Mary Ellen’s dad, Francis Gavin, moved to Sugar Creek in 1919 to work in the refinery as a machinist but was forced to leave the position after he lost his eyesight. Fellow refinery union members helped him open Gavin’s Grocery and Confectionery on the city’s main thoroughfare, Sterling Avenue, so he could support his family.


Puhr’s husband, Don, grew up in unincorporated Jackson County, which later was annexed into Sugar Creek. The Puhrs, both 71, met in high school and volunteer countless hours to maintain the small Catholic parish church, St. Cyril’s, founded by the city’s early immigrants. The original church building, constructed in 1920, still stands and, until the recent coronavirus pandemic, was the site of weekly mass and other events.

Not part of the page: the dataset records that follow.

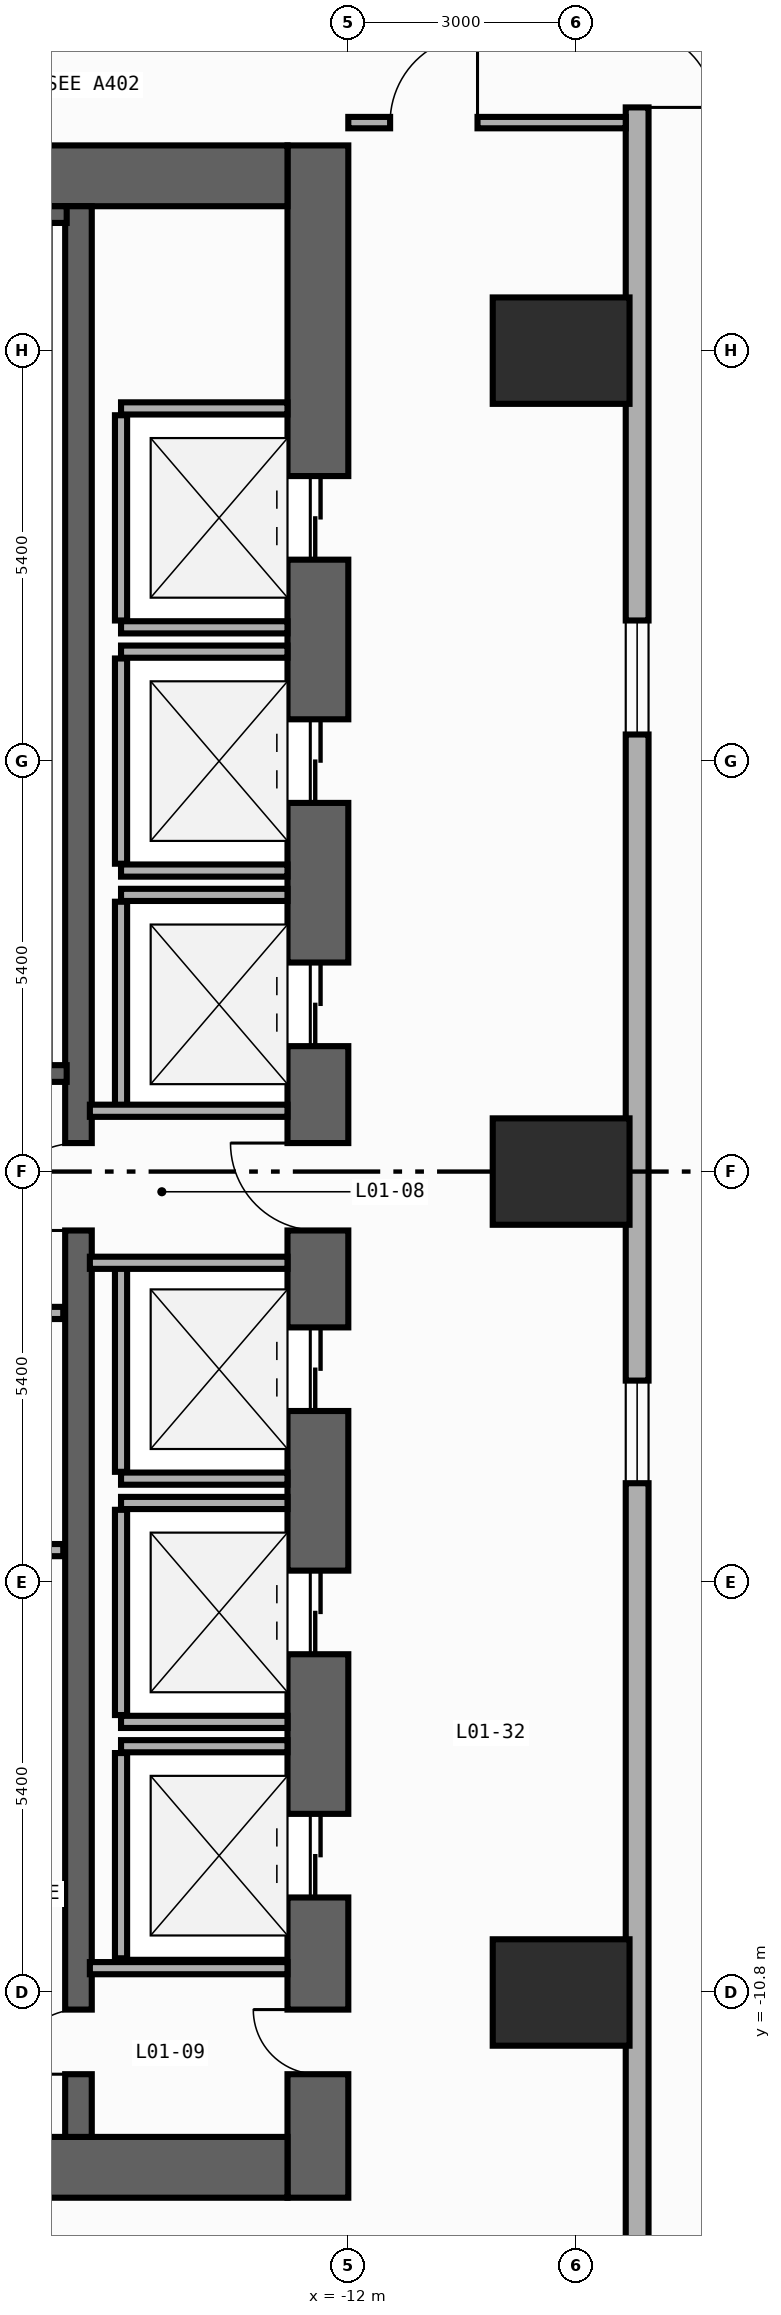
"""IFC4 building model, lengths in metres.
Left out: names, types, materials, properties, quantities, classifications, styles, units other than length and angle.
Written with IfcOpenShell. Run it as: python <this file> out.ifc"""

import sys

from ifc_helpers import new_model, si_unit, direction, frame, frame_2d, origin, origin_2d, place, context, subcontext, project, spatial, rectangle, extrude, element, fill, save


model = new_model("IFC4")
c1 = context("Model", 3, precision=1e-05, world=origin(), true_north=direction((0.0, 1.0)))
c2 = subcontext(c1, "Body", "Model", "MODEL_VIEW")
j1 = project(units=[si_unit("LENGTHUNIT", "METRE"), si_unit("PLANEANGLEUNIT", "RADIAN")], contexts=[c1])
p1 = place(None, origin())
s1 = spatial("IfcSite", under=j1, at=p1, CompositionType="ELEMENT")
p2 = place(p1, origin())
s2 = spatial("IfcBuilding", under=s1, at=p2, CompositionType="ELEMENT")
p3 = place(p2, origin())
s3 = spatial("IfcBuildingStorey", under=s2, at=p3, CompositionType="ELEMENT", Elevation=0.0)
p4 = place(p3, frame((-12.4, -13.5, 0.0), z_axis=(0.0, 0.0, 1.0), x_axis=(0.0, 1.0, 0.0)))
e1 = element("IfcWall", 1, at=p4, inside=s3, PredefinedType="SHEAR", context=c2, shape_type="SweptSolid", body=[
    extrude(rectangle(XDim=27.0, YDim=0.8, at=frame_2d((13.5, 0.0))), origin(), (0.0, 0.0, 1.0), 5.7),
])
p5 = place(p4, frame((21.55, 0.0, 0.0)))
e2 = element("IfcOpeningElement", 2, at=p5, cuts=e1, PredefinedType="OPENING", context=c2, shape_type="SweptSolid", body=[
    extrude(rectangle(XDim=1.1, YDim=2.2, at=frame_2d((0.55, 1.1))), frame((0.0, 0.41, 0.0), z_axis=(0.0, -1.0, 0.0), x_axis=(1.0, 0.0, 0.0)), (0.0, 0.0, 1.0), 0.82),
])
p6 = place(p4, frame((18.35, 0.0, 0.0)))
e3 = element("IfcOpeningElement", 3, at=p6, cuts=e1, PredefinedType="OPENING", context=c2, shape_type="SweptSolid", body=[
    extrude(rectangle(XDim=1.1, YDim=2.2, at=frame_2d((0.55, 1.1))), frame((0.0, 0.41, 0.0), z_axis=(0.0, -1.0, 0.0), x_axis=(1.0, 0.0, 0.0)), (0.0, 0.0, 1.0), 0.82),
])
p7 = place(p4, frame((15.15, 0.0, 0.0)))
e4 = element("IfcOpeningElement", 4, at=p7, cuts=e1, PredefinedType="OPENING", context=c2, shape_type="SweptSolid", body=[
    extrude(rectangle(XDim=1.1, YDim=2.2, at=frame_2d((0.55, 1.1))), frame((0.0, 0.41, 0.0), z_axis=(0.0, -1.0, 0.0), x_axis=(1.0, 0.0, 0.0)), (0.0, 0.0, 1.0), 0.82),
])
p8 = place(p4, frame((10.35, 0.0, 0.0)))
e5 = element("IfcOpeningElement", 5, at=p8, cuts=e1, PredefinedType="OPENING", context=c2, shape_type="SweptSolid", body=[
    extrude(rectangle(XDim=1.1, YDim=2.2, at=frame_2d((0.55, 1.1))), frame((0.0, 0.41, 0.0), z_axis=(0.0, -1.0, 0.0), x_axis=(1.0, 0.0, 0.0)), (0.0, 0.0, 1.0), 0.82),
])
p9 = place(p4, frame((7.15, 0.0, 0.0)))
e6 = element("IfcOpeningElement", 6, at=p9, cuts=e1, PredefinedType="OPENING", context=c2, shape_type="SweptSolid", body=[
    extrude(rectangle(XDim=1.1, YDim=2.2, at=frame_2d((0.55, 1.1))), frame((0.0, 0.41, 0.0), z_axis=(0.0, -1.0, 0.0), x_axis=(1.0, 0.0, 0.0)), (0.0, 0.0, 1.0), 0.82),
])
p10 = place(p4, frame((3.95, 0.0, 0.0)))
e7 = element("IfcOpeningElement", 7, at=p10, cuts=e1, PredefinedType="OPENING", context=c2, shape_type="SweptSolid", body=[
    extrude(rectangle(XDim=1.1, YDim=2.2, at=frame_2d((0.55, 1.1))), frame((0.0, 0.41, 0.0), z_axis=(0.0, -1.0, 0.0), x_axis=(1.0, 0.0, 0.0)), (0.0, 0.0, 1.0), 0.82),
])
p11 = place(p4, frame((12.725, 0.0, 0.0)))
e8 = element("IfcOpeningElement", 8, at=p11, cuts=e1, PredefinedType="OPENING", context=c2, shape_type="SweptSolid", body=[
    extrude(rectangle(XDim=1.15, YDim=2.2, at=frame_2d((0.575, 1.1))), frame((0.0, 0.41, 0.0), z_axis=(0.0, -1.0, 0.0), x_axis=(1.0, 0.0, 0.0)), (0.0, 0.0, 1.0), 0.82),
])
p12 = place(p4, frame((1.625, 0.0, 0.0)))
e9 = element("IfcOpeningElement", 9, at=p12, cuts=e1, PredefinedType="OPENING", context=c2, shape_type="SweptSolid", body=[
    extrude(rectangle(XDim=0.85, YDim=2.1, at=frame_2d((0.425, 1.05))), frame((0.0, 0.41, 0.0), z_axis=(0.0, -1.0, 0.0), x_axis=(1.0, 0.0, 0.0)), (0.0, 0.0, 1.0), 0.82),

The Puhrs play a major role in keeping the church’s doors opened. Don does yardwork and other maintenance, while Mary and another volunteer produce the bi-weekly church bulletin. Mary also performs office work, including depositing weekly offerings and paying bills. In addition, she chairs fundraisers, such as the church’s annual Mardi Gras celebration – held at the Mike Onka Memorial Building, which had record attendance this past February. When asked why she volunteers so much, Mary said, “I think it’s something that needs to be done.”


A Sugar Creek Centennial Committee had planned a series of events to mark the anniversary, but the first, a display of memorabilia from the early 1900s to present, was scheduled for March and had to be canceled due to the coronavirus pandemic.


Other planned events, including the opening of a time capsule, sealed 50 years ago and an event commemorating the city’s now-closed swimming pool, are, for now, on hold. More information will be released later.


In addition, the Slavic Festival, started by the church and eventually taken over as a city event for the past 35 years, also has been canceled this year due to the virus. Debbie Ray, who chairs the festival, said the city may instead host a smaller event in the fall. Attendance and vendors have fallen in the past few years.


“Hopefully we’ll get some new businesses and things will be more productive,” Ray said.


While many in the older generation worry about Sugar Creek’s future, some feel the city is well-positioned.


“There are developers around who are interested in projects,” said Salva, giving a nod to his economic development involvement, which has led to several new homes being built in the northwest corner of the city.


Salva, like other descendants of original immigrants, is determined to fight for the future. He’s also encouraged by the progress already made.


“It’s sad we’re losing the older generation … but there are plenty of younger people interested in Sugar Creek,” he said. “I think it will continue to survive.”